Wheelchair and disability

I’m currently working on getting on disability and getting a wheelchair in which I can elevate my legs when needed. I’d love to hear other’s stories, I myself am going to be working with an attorney and am eagerly waiting for my next doctors appointment to talk about the wheelchair.

Just out of curiosity, were you ever evaluated for CRPS (Complex Regional Pain Syndrome)? Other than your symptoms being bilateral (less common with CRPS), you fit the profile well.

If you’re unfamiliar, here is the link and excerpt from the NIH fact sheet for CRPS:

What causes CRPS?

It is unclear why some individuals develop CRPS while others with similar trauma do not. In more than 90 percent of cases, the condition is triggered by a clear history of trauma or injury. The most common triggers are fractures, sprains/strains, soft tissue injury (such as burns, cuts, or bruises), limb immobilization (such as being in a cast), surgery, or even minor medical procedures such as needle stick. CRPS represents an abnormal response that magnifies the effects of the injury.
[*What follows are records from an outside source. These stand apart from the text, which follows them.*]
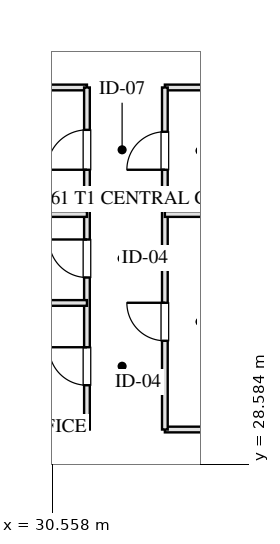
"""IFC4 building model, lengths in metres.
Left out: names, types, materials, properties, quantities, classifications, styles, units other than length and angle.
Written with IfcOpenShell. Run it as: python <this file> out.ifc"""

import sys

from ifc_helpers import new_model, si_unit, direction, frame, frame_2d, origin, place, context, subcontext, project, spatial, rectangle, extrude, element, fill, save


model = new_model("IFC4")
c1 = context("Model", 3, precision=1e-05, world=origin(), true_north=direction((0.0, 1.0)))
c2 = subcontext(c1, "Body", "Model", "MODEL_VIEW")
j1 = project(units=[si_unit("LENGTHUNIT", "METRE"), si_unit("PLANEANGLEUNIT", "RADIAN")], contexts=[c1])
p1 = place(None, origin())
s1 = spatial("IfcSite", under=j1, at=p1, CompositionType="ELEMENT")
p2 = place(p1, origin())
s2 = spatial("IfcBuilding", under=s1, at=p2, CompositionType="ELEMENT")
p3 = place(p2, frame((0.0, 0.0, 226.55)))
s3 = spatial("IfcBuildingStorey", under=s2, at=p3, CompositionType="ELEMENT", Elevation=226.55)
p4 = place(p3, frame((15.0, 29.5, 0.0), z_axis=(0.0, 0.0, 1.0), x_axis=(1.0, 0.0, 0.0)))
e1 = element("IfcWall", 1, at=p4, inside=s3, PredefinedType="PARTITIONING", context=c2, shape_type="SweptSolid", body=[
    extrude(rectangle(XDim=16.475, YDim=0.15, at=frame_2d((8.238, 0.0))), origin(), (0.0, 0.0, 1.0), 3.155),
])
p5 = place(p4, frame((5.2, 0.0, 0.0)))
e2 = element("IfcOpeningElement", 2, at=p5, cuts=e1, PredefinedType="OPENING", context=c2, shape_type="SweptSolid", body=[
    extrude(rectangle(XDim=1.0, YDim=2.05, at=frame_2d((0.5, 1.025))), frame((0.0, 0.085, 0.0), z_axis=(0.0, -1.0, 0.0), x_axis=(1.0, 0.0, 0.0)), (0.0, 0.0, 1.0), 0.17),
])
p6 = place(p3, frame((33.525, 29.5, 0.0), z_axis=(0.0, 0.0, 1.0), x_axis=(1.0, 0.0, 0.0)))
e3 = element("IfcWall", 3, at=p6, inside=s3, PredefinedType="PARTITIONING", context=c2, shape_type="SweptSolid", body=[
    extrude(rectangle(XDim=11.475, YDim=0.15, at=frame_2d((5.738, 0.0))), origin(), (0.0, 0.0, 1.0), 3.155),
])
p7 = place(p3, frame((15.0, 38.5, 0.0), z_axis=(0.0, 0.0, 1.0), x_axis=(1.0, 0.0, 0.0)))
e4 = element("IfcWall", 4, at=p7, inside=s3, PredefinedType="PARTITIONING", context=c2, shape_type="SweptSolid", body=[
    extrude(rectangle(XDim=16.475, YDim=0.15, at=frame_2d((8.238, 0.0))), origin(), (0.0, 0.0, 1.0), 3.155),
])
p8 = place(p3, frame((33.525, 38.5, 0.0), z_axis=(0.0, 0.0, 1.0), x_axis=(1.0, 0.0, 0.0)))
e5 = element("IfcWall", 5, at=p8, inside=s3, PredefinedType="PARTITIONING", context=c2, shape_type="SweptSolid", body=[
    extrude(rectangle(XDim=11.475, YDim=0.15, at=frame_2d((5.738, 0.0))), origin(), (0.0, 0.0, 1.0), 3.155),
])
p9 = place(p3, frame((31.475, 29.5, 0.0), z_axis=(0.0, 0.0, 1.0), x_axis=(0.0, 1.0, 0.0)))
e6 = element("IfcWall", 6, at=p9, inside=s3, PredefinedType="PARTITIONING", context=c2, shape_type="SweptSolid", body=[
    extrude(rectangle(XDim=9.0, YDim=0.15, at=frame_2d((4.5, 0.0))), origin(), (0.0, 0.0, 1.0), 3.155),
])
p10 = place(p9, frame((1.165, 0.0, 0.0)))
e7 = element("IfcOpeningElement", 7, at=p10, cuts=e6, PredefinedType="OPENING", context=c2, shape_type="SweptSolid", body=[
    extrude(rectangle(XDim=1.0, YDim=2.05, at=frame_2d((0.5, 1.025))), frame((0.0, 0.085, 0.0), z_axis=(0.0, -1.0, 0.0), x_axis=(1.0, 0.0, 0.0)), (0.0, 0.0, 1.0), 0.17),
])
p11 = place(p9, frame((4.0, 0.0, 0.0)))
e8 = element("IfcOpeningElement", 8, at=p11, cuts=e6, PredefinedType="OPENING", context=c2, shape_type="SweptSolid", body=[
    extrude(rectangle(XDim=1.0, YDim=2.05, at=frame_2d((0.5, 1.025))), frame((0.0, 0.085, 0.0), z_axis=(0.0, -1.0, 0.0), x_axis=(1.0, 0.0, 0.0)), (0.0, 0.0, 1.0), 0.17),
])
p12 = place(p9, frame((6.835, 0.0, 0.0)))
e9 = element("IfcOpeningElement", 9, at=p12, cuts=e6, PredefinedType="OPENING", context=c2, shape_type="SweptSolid", body=[
    extrude(rectangle(XDim=1.05, YDim=2.05, at=frame_2d((0.525, 1.025))), frame((0.0, 0.085, 0.0), z_axis=(0.0, -1.0, 0.0), x_axis=(1.0, 0.0, 0.0)), (0.0, 0.0, 1.0), 0.17),
])
p13 = place(p3, frame((33.525, 29.5, 0.0), z_axis=(0.0, 0.0, 1.0), x_axis=(0.0, 1.0, 0.0)))
e10 = element("IfcWall", 10, at=p13, inside=s3, PredefinedType="PARTITIONING", context=c2, shape_type="SweptSolid", body=[
    extrude(rectangle(XDim=9.0, YDim=0.15, at=frame_2d((4.5, 0.0))), origin(), (0.0, 0.0, 1.0), 3.155),
])
p14 = place(p13, frame((2.335, 0.0, 0.0)))
e11 = element("IfcOpeningElement", 11, at=p14, cuts=e10, PredefinedType="OPENING", context=c2, shape_type="SweptSolid", body=[
    extrude(rectangle(XDim=1.0, YDim=2.05, at=frame_2d((0.5, 1.025))), frame((0.0, 0.085, 0.0), z_axis=(0.0, -1.0, 0.0), x_axis=(1.0, 0.0, 0.0)), (0.0, 0.0, 1.0), 0.17),
])
p15 = place(p13, frame((6.835, 0.0, 0.0)))
e12 = element("IfcOpeningElement", 12, at=p15, cuts=e10, PredefinedType="OPENING", context=c2, shape_type="SweptSolid", body=[
    extrude(rectangle(XDim=1.0, YDim=2.05, at=frame_2d((0.5, 1.025))), frame((0.0, 0.085, 0.0), z_axis=(0.0, -1.0, 0.0), x_axis=(1.0, 0.0, 0.0)), (0.0, 0.0, 1.0), 0.17),
])
for number, where, z_axis, x_axis in (
    (13, (15.0, 32.83, 0.0), (0.0, 0.0, 1.0), (1.0, 0.0, 0.0)),
    (14, (15.0, 35.17, 0.0), (0.0, 0.0, 1.0), (1.0, 0.0, 0.0)),
):
    element("IfcWall", number, at=place(p3, frame(where, z_axis=z_axis, x_axis=x_axis)), inside=s3, PredefinedType="PARTITIONING", context=c2, shape_type="SweptSolid", body=[
        extrude(rectangle(XDim=16.475, YDim=0.15, at=frame_2d((8.238, 0.0))), origin(), (0.0, 0.0, 1.0), 3.155),
    ])
p16 = place(p3, frame((33.525, 35.17, 0.0), z_axis=(0.0, 0.0, 1.0), x_axis=(1.0, 0.0, 0.0)))
e15 = element("IfcWall", 15, at=p16, inside=s3, PredefinedType="PARTITIONING", context=c2, shape_type="SweptSolid", body=[
    extrude(rectangle(XDim=11.475, YDim=0.15, at=frame_2d((5.738, 0.0))), origin(), (0.0, 0.0, 1.0), 3.155),
])
p17 = place(p10, origin())
e16 = element("IfcDoor", 16, at=p17, inside=s3, OperationType="SINGLE_SWING_RIGHT", PredefinedType="DOOR", context=c2, shape_type="SweptSolid", body=[
    extrude(rectangle(XDim=1.0, YDim=2.05, at=frame_2d((0.5, 1.025))), frame((0.0, 0.025, 0.0), z_axis=(0.0, -1.0, 0.0), x_axis=(1.0, 0.0, 0.0)), (0.0, 0.0, 1.0), 0.05),
])
fill(e7, e16)
p18 = place(p11, origin())
e17 = element("IfcDoor", 17, at=p18, inside=s3, OperationType="SINGLE_SWING_RIGHT", PredefinedType="DOOR", context=c2, shape_type="SweptSolid", body=[
    extrude(rectangle(XDim=1.0, YDim=2.05, at=frame_2d((0.5, 1.025))), frame((0.0, 0.025, 0.0), z_axis=(0.0, -1.0, 0.0), x_axis=(1.0, 0.0, 0.0)), (0.0, 0.0, 1.0), 0.05),
])
fill(e8, e17)
p19 = place(p12, origin())
e18 = element("IfcDoor", 18, at=p19, inside=s3, OperationType="SINGLE_SWING_LEFT", PredefinedType="DOOR", context=c2, shape_type="SweptSolid", body=[
    extrude(rectangle(XDim=1.05, YDim=2.05, at=frame_2d((0.525, 1.025))), frame((0.0, 0.025, 0.0), z_axis=(0.0, -1.0, 0.0), x_axis=(1.0, 0.0, 0.0)), (0.0, 0.0, 1.0), 0.05),
])
fill(e9, e18)
p20 = place(p14, origin())
e19 = element("IfcDoor", 19, at=p20, inside=s3, OperationType="SINGLE_SWING_RIGHT", PredefinedType="DOOR", context=c2, shape_type="SweptSolid", body=[
    extrude(rectangle(XDim=1.0, YDim=2.05, at=frame_2d((0.5, 1.025))), frame((0.0, 0.025, 0.0), z_axis=(0.0, -1.0, 0.0), x_axis=(1.0, 0.0, 0.0)), (0.0, 0.0, 1.0), 0.05),
])
fill(e11, e19)
p21 = place(p15, origin())
e20 = element("IfcDoor", 20, at=p21, inside=s3, OperationType="SINGLE_SWING_LEFT", PredefinedType="DOOR", context=c2, shape_type="SweptSolid", body=[
    extrude(rectangle(XDim=1.0, YDim=2.05, at=frame_2d((0.5, 1.025))), frame((0.0, 0.025, 0.0), z_axis=(0.0, -1.0, 0.0), x_axis=(1.0, 0.0, 0.0)), (0.0, 0.0, 1.0), 0.05),
])
fill(e12, e20)
save(model, sys.argv[1])
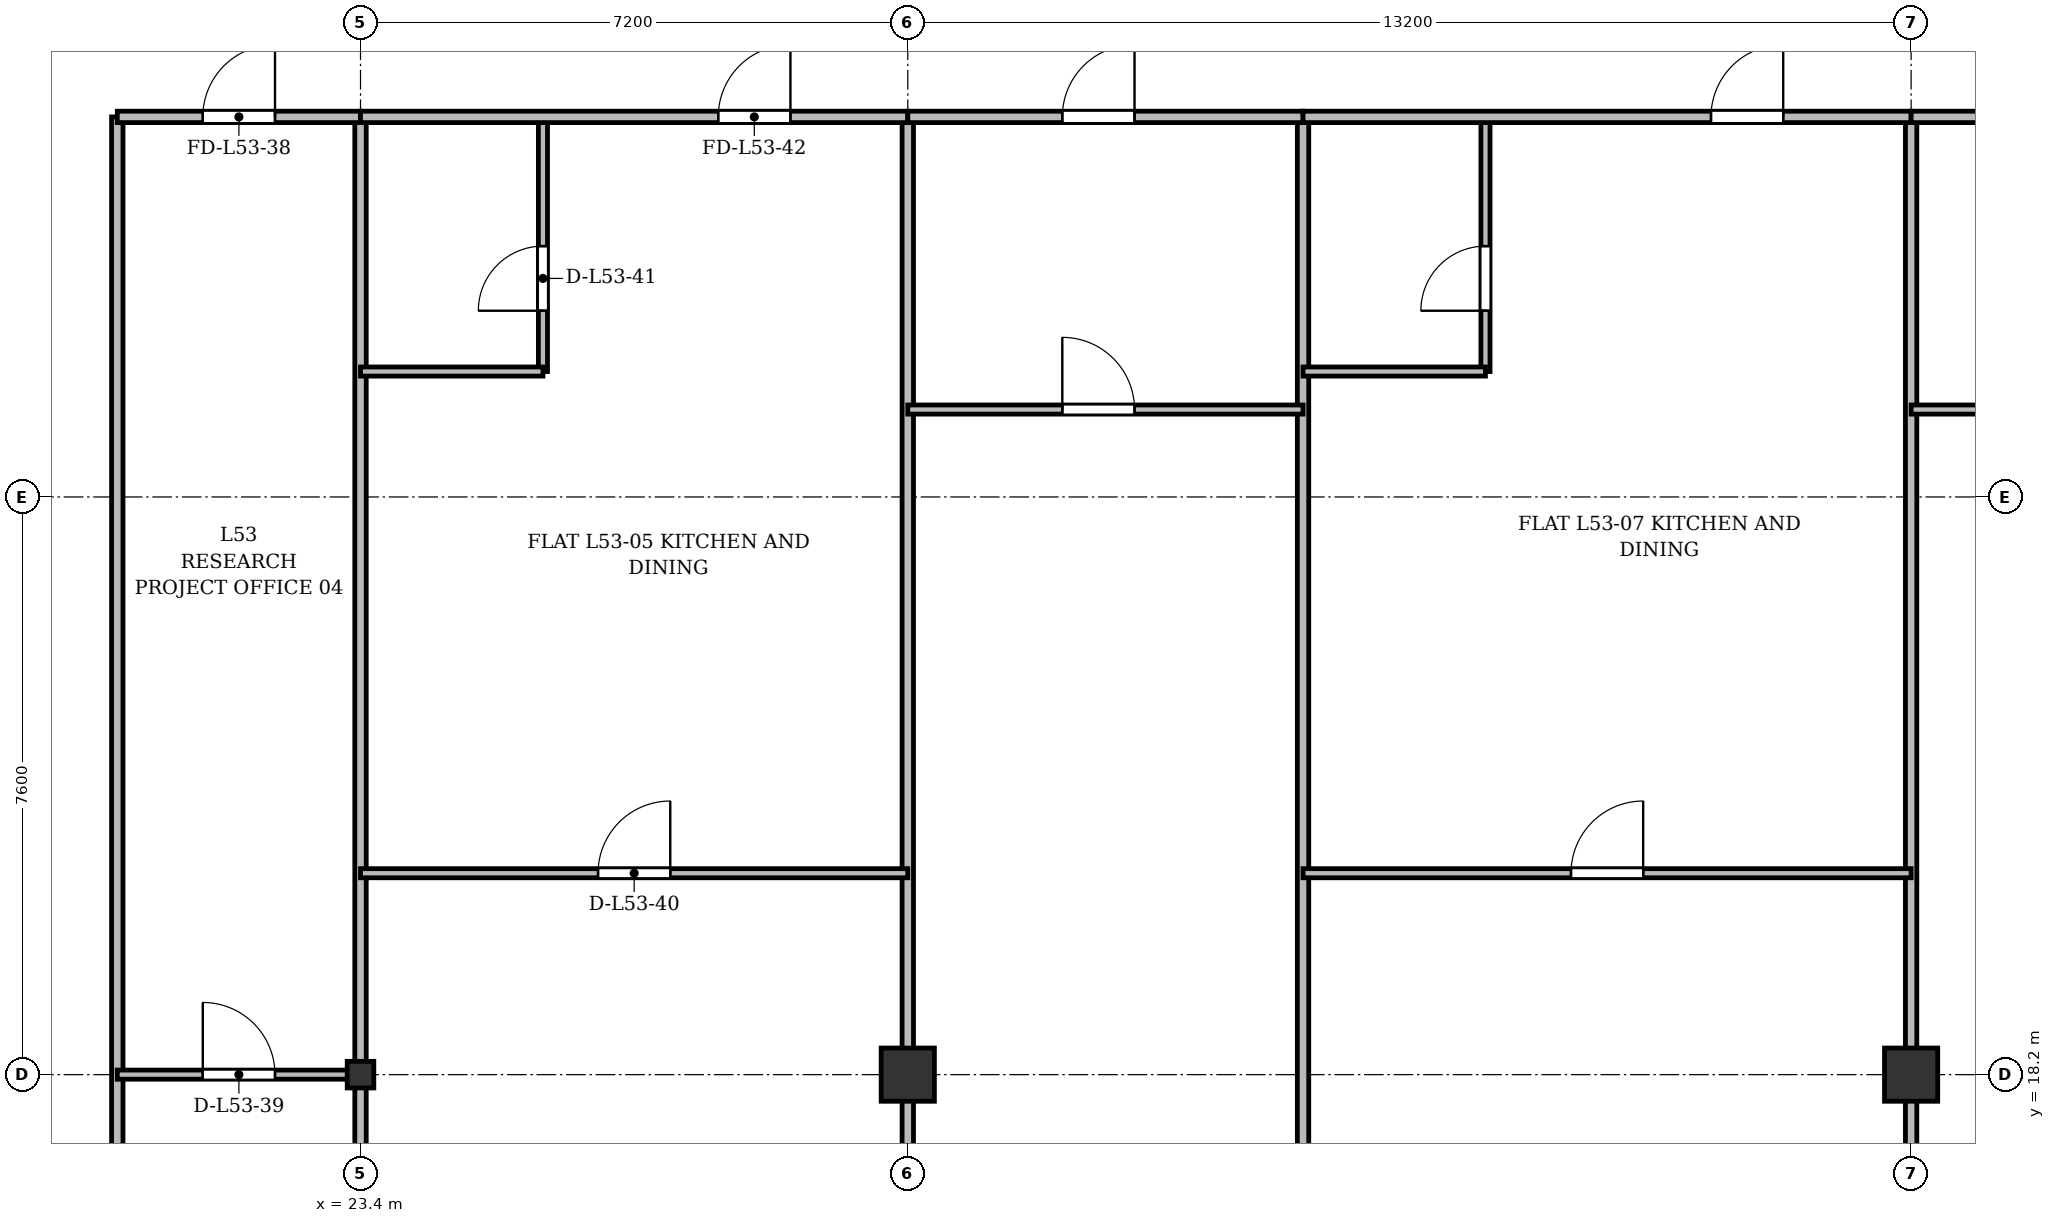
"""IFC4 building model, lengths in metres.
Left out: names, types, materials, properties, quantities, classifications, styles, units other than length and angle.
Written with IfcOpenShell. Run it as: python <this file> out.ifc"""

import sys

from ifc_helpers import new_model, si_unit, direction, frame, frame_2d, origin, origin_2d, place, context, subcontext, project, spatial, rectangle, i_section, extrude, source, transform, mapped, element, fill, save


model = new_model("IFC4")
c1 = context("Model", 3, precision=1e-05, world=origin(), true_north=direction((0.0, 1.0)))
c2 = subcontext(c1, "Body", "Model", "MODEL_VIEW")
j1 = project(units=[si_unit("LENGTHUNIT", "METRE"), si_unit("PLANEANGLEUNIT", "RADIAN")], contexts=[c1])
p1 = place(None, origin())
s1 = spatial("IfcSite", under=j1, at=p1, CompositionType="ELEMENT")
p2 = place(p1, origin())
s2 = spatial("IfcBuilding", under=s1, at=p2, CompositionType="ELEMENT")
p3 = place(p2, frame((0.0, 0.0, 204.9)))
s3 = spatial("IfcBuildingStorey", under=s2, at=p3, CompositionType="ELEMENT", Elevation=204.9)
m1 = source(origin(), c2, "Body", "SweptSolid", [
    extrude(i_section(OverallWidth=0.35, OverallDepth=0.35, WebThickness=0.018, FlangeThickness=0.028, at=origin_2d()), origin(), (0.0, 0.0, 1.0), 3.6),
])
p4 = place(p3, frame((23.4, 18.2, 0.0), z_axis=(0.0, 0.0, 1.0), x_axis=(1.0, 0.0, 0.0)))
e1 = element("IfcColumn", 1, at=p4, inside=s3, PredefinedType="COLUMN", context=c2, shape_type="MappedRepresentation", body=[
    mapped(m1, transform((0.0, 0.0, 0.0), x_axis=(1.0, 0.0, 0.0), y_axis=(0.0, 1.0, 0.0), z_axis=(0.0, 0.0, 1.0), scale=1.0)),
])
m2 = source(origin(), c2, "Body", "SweptSolid", [
    extrude(rectangle(XDim=0.7, YDim=0.7, at=origin_2d()), origin(), (0.0, 0.0, 1.0), 3.6),
])
for number, where, z_axis, x_axis in (
    (2, (30.6, 18.2, 0.0), (0.0, 0.0, 1.0), (1.0, 0.0, 0.0)),
    (3, (43.8, 18.2, 0.0), (0.0, 0.0, 1.0), (1.0, 0.0, 0.0)),
):
    element("IfcColumn", number, at=place(p3, frame(where, z_axis=z_axis, x_axis=x_axis)), inside=s3, PredefinedType="COLUMN", context=c2, shape_type="MappedRepresentation", body=[
        mapped(m2, transform((0.0, 0.0, 0.0), x_axis=(1.0, 0.0, 0.0), y_axis=(0.0, 1.0, 0.0), z_axis=(0.0, 0.0, 1.0), scale=1.0)),
    ])
for number, where, z_axis, x_axis in (
    (4, (23.4, 3.625, 0.0), (0.0, 0.0, 1.0), (0.0, 1.0, 0.0)),
    (5, (30.6, 3.625, 0.0), (0.0, 0.0, 1.0), (0.0, 1.0, 0.0)),
):
    element("IfcWall", number, at=place(p3, frame(where, z_axis=z_axis, x_axis=x_axis)), inside=s3, PredefinedType="PARTITIONING", context=c2, shape_type="SweptSolid", body=[
        extrude(rectangle(XDim=27.175, YDim=0.15, at=frame_2d((13.587, 0.0))), origin(), (0.0, 0.0, 1.0), 2.86),
    ])
p5 = place(p3, frame((35.8, 3.625, 0.0), z_axis=(0.0, 0.0, 1.0), x_axis=(0.0, 1.0, 0.0)))
e6 = element("IfcWall", 6, at=p5, inside=s3, PredefinedType="PARTITIONING", context=c2, shape_type="SweptSolid", body=[
    extrude(rectangle(XDim=27.175, YDim=0.15, at=frame_2d((13.587, 0.0))), origin(), (0.0, 0.0, 1.0), 2.91),
])
p6 = place(p3, frame((43.8, 3.625, 0.0), z_axis=(0.0, 0.0, 1.0), x_axis=(0.0, 1.0, 0.0)))
e7 = element("IfcWall", 7, at=p6, inside=s3, PredefinedType="PARTITIONING", context=c2, shape_type="SweptSolid", body=[
    extrude(rectangle(XDim=27.175, YDim=0.15, at=frame_2d((13.587, 0.0))), origin(), (0.0, 0.0, 1.0), 2.86),
])
p7 = place(p3, frame((20.2, 3.625, 0.0), z_axis=(0.0, 0.0, 1.0), x_axis=(0.0, 1.0, 0.0)))
e8 = element("IfcWall", 8, at=p7, inside=s3, PredefinedType="PARTITIONING", context=c2, shape_type="SweptSolid", body=[
    extrude(rectangle(XDim=27.175, YDim=0.15, at=frame_2d((13.587, 0.0))), origin(), (0.0, 0.0, 1.0), 2.91),
])
p8 = place(p3, frame((20.2, 30.8, 0.0), z_axis=(0.0, 0.0, 1.0), x_axis=(1.0, 0.0, 0.0)))
e9 = element("IfcWall", 9, at=p8, inside=s3, PredefinedType="PARTITIONING", context=c2, shape_type="SweptSolid", body=[
    extrude(rectangle(XDim=3.2, YDim=0.15, at=frame_2d((1.6, 0.0))), origin(), (0.0, 0.0, 1.0), 2.86),
])
p9 = place(p8, frame((1.125, 0.0, 0.0)))
e10 = element("IfcOpeningElement", 10, at=p9, cuts=e9, PredefinedType="OPENING", context=c2, shape_type="SweptSolid", body=[
    extrude(rectangle(XDim=0.95, YDim=2.15, at=frame_2d((0.475, 1.075))), frame((0.0, 0.085, 0.0), z_axis=(0.0, -1.0, 0.0), x_axis=(1.0, 0.0, 0.0)), (0.0, 0.0, 1.0), 0.17),
])
p10 = place(p3, frame((20.2, 18.2, 0.0), z_axis=(0.0, 0.0, 1.0), x_axis=(1.0, 0.0, 0.0)))
e11 = element("IfcWall", 11, at=p10, inside=s3, PredefinedType="PARTITIONING", context=c2, shape_type="SweptSolid", body=[
    extrude(rectangle(XDim=3.2, YDim=0.12, at=frame_2d((1.6, 0.0))), origin(), (0.0, 0.0, 1.0), 2.91),
])
p11 = place(p10, frame((1.125, 0.0, 0.0)))
e12 = element("IfcOpeningElement", 12, at=p11, cuts=e11, PredefinedType="OPENING", context=c2, shape_type="SweptSolid", body=[
    extrude(rectangle(XDim=0.95, YDim=2.15, at=frame_2d((0.475, 1.075))), frame((0.0, 0.07, 0.0), z_axis=(0.0, -1.0, 0.0), x_axis=(1.0, 0.0, 0.0)), (0.0, 0.0, 1.0), 0.14),
])
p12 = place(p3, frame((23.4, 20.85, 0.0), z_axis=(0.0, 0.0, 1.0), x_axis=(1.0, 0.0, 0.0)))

Some people respond excessively to a trigger that causes no problem for other people, such as what is observed in people who have food allergies.


I have not been, my symptoms did however start after having ankle surgeries, one on both ankles. Is it possible to have both em and crps? Either way the outcome doesn’t look good, I don’t want to be on narcotics and me and my mom are tired of wasting money on treatments that just aren’t working.

I also had a nerve conduction study done that showed my nerves being completely normal.

CRPS is typically evaluated using a bone scintigraphy. CRPS is associated with excessive bone resorption. Your surgeon may have not broached the topic because CRPS is sometimes linked to negligence and malpractice.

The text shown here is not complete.